In all seriousness: i'm a bit stuck myself. I would love to increase feature list (like real raytraced lights with metals being shiny and ambient lights) but it's already slowish+ TWBT rendering everything multiple times... Maybe i'll talk to my graphics expert'ish friends and they could suggest some fancy algos to boost everything... But in the end it will never be as fast as vanilla df.
Why not trow the
GPU in the equation? Vanilla almost do not have a use for it
A full universitary department is investigating how to use little
DSLs able of being run into the GPU. The root project that group all their research lines is called
AnyDSL. In this
paper they explain how they are doing and the performance that they have achieved, their
Impala repo shows that even if they are using a
Rust dialect in their compiler, they have not
bootstrapped it, as the general Rust project has, this mean that all their compiler code source is C++ like DFHACK.
They seems to rely on a
Higher-Order Intermediate Representation called
Thorin to achieve their GPU optimizations. Two more reddits:
1.
Impala: a Rust dialect that can
partially evaluate functions at compile time and produce GPU code
2.
A graph-based higher-order intermediate representation (demonstrated on Impala, a dialect of Rust)
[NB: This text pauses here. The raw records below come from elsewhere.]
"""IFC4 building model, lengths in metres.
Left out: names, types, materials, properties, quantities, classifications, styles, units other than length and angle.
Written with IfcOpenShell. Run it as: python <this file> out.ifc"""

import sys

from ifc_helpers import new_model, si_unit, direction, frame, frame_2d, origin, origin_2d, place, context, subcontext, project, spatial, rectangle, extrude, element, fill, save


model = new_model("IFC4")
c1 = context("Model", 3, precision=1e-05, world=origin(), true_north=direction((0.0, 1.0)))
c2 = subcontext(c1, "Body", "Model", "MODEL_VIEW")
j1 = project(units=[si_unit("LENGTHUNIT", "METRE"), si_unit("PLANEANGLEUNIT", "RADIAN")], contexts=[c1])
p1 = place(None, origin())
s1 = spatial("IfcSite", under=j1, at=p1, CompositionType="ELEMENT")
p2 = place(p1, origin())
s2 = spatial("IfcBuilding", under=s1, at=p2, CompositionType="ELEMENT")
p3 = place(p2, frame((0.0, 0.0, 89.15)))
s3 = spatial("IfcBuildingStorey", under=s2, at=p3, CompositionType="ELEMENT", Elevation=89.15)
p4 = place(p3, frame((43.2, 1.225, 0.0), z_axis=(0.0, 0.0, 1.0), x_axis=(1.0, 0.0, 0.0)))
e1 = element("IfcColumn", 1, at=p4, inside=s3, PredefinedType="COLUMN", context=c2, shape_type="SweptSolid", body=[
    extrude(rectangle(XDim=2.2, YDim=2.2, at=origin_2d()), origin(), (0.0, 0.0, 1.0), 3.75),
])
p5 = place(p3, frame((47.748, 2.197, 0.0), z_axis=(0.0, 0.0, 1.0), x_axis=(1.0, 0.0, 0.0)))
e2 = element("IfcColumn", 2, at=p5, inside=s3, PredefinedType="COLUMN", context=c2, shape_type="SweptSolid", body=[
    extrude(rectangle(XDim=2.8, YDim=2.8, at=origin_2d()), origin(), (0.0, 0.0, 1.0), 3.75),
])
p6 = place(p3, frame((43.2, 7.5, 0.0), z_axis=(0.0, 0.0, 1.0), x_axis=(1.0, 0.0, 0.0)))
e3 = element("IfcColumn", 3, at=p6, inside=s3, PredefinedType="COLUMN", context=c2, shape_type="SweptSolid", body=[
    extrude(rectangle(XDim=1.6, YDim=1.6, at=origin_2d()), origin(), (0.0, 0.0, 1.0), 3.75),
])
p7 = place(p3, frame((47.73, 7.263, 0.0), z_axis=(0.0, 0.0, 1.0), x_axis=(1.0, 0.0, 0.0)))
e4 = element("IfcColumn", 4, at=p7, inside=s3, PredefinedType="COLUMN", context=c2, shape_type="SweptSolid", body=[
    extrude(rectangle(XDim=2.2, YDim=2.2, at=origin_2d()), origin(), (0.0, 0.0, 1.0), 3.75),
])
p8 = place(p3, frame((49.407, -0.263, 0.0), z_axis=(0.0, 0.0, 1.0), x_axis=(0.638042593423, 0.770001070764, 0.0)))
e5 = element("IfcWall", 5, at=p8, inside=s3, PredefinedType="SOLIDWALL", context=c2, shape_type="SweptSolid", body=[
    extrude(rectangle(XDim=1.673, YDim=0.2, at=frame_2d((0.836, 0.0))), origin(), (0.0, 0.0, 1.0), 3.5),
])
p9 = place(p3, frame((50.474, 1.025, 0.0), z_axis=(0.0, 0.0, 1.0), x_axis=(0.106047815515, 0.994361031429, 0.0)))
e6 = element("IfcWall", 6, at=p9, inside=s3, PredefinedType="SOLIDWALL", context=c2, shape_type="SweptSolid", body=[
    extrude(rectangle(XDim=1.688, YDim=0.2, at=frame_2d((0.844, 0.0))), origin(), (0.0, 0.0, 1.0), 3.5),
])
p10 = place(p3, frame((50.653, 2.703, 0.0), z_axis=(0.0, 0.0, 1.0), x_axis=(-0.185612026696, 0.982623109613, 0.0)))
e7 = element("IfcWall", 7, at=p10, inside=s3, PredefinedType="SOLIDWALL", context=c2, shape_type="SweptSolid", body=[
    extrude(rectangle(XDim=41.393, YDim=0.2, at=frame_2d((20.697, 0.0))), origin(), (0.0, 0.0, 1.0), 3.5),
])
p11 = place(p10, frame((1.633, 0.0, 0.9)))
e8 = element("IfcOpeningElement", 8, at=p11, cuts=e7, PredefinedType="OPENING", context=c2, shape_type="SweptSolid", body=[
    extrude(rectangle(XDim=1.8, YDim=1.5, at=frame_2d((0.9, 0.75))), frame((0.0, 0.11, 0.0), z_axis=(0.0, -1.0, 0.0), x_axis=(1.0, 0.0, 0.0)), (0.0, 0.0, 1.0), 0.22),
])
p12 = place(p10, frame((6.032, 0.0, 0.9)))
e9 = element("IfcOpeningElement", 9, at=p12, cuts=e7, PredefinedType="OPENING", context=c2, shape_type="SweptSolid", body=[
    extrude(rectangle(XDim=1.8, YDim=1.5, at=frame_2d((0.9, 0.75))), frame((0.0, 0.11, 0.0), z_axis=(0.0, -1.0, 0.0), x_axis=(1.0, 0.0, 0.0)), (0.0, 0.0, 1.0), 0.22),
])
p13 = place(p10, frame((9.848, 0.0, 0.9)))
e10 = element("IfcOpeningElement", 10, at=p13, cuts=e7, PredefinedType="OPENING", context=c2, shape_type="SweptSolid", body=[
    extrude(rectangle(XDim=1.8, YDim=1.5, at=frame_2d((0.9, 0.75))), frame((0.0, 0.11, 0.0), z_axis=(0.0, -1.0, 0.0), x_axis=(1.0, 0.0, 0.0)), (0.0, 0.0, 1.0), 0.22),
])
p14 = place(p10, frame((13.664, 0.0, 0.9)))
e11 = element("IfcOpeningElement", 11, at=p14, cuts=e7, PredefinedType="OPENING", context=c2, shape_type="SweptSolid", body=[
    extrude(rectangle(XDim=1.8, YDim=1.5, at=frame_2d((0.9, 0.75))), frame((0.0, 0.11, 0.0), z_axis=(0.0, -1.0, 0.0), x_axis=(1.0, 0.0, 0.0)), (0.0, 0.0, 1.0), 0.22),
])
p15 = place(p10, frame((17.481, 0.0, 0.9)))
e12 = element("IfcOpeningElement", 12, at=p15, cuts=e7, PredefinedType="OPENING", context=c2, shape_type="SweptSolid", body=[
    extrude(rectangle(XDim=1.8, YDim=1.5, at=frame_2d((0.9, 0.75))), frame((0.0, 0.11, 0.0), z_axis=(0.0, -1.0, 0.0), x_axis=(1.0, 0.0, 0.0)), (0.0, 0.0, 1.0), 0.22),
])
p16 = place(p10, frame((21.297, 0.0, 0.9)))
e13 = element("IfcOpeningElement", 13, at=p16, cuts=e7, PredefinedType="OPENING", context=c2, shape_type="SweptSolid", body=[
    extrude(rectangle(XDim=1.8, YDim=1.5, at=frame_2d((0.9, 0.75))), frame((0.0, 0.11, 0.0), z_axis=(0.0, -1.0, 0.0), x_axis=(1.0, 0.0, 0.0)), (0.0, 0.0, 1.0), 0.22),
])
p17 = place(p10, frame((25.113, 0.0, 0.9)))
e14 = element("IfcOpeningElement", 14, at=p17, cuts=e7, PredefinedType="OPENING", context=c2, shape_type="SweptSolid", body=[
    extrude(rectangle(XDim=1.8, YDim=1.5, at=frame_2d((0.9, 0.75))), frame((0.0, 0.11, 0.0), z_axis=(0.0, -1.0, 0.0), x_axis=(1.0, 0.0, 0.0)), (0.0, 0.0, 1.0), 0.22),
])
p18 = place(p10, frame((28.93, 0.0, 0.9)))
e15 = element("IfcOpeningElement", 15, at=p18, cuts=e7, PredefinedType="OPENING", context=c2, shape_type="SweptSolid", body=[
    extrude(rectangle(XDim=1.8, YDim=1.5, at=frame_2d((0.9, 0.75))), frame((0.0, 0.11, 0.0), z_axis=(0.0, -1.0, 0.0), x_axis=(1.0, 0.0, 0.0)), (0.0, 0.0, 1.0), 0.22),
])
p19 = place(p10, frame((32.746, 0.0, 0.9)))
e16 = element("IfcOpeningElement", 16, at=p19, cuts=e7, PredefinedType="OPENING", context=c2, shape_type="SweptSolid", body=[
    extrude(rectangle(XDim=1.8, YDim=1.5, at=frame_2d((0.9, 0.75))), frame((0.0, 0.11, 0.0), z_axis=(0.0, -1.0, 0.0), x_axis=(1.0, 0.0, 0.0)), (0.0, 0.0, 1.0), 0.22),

Returning to our world now, they do not manually low level program the GPU, instead of that they are coding all their logic in the same high level language and then by means of some attributes, I believe, some fragments of code are marked by the programmers to generate GPU code while all the rest generate
CPU code and both worlds interact.
Terra seems to be doing exactly the same thing, but starting over a paradigm slightly different,
their repoAbout which one of those is more near to DFHACK? or if any kind of integration with DFHACK is even possible?
I am completely lost. Maybe your graphics expert'ish friends know...
It would be cool to find our way into one of those algoritm crushers or something similar by the way. Call me a dreamer! If you want, but respect my right to dream.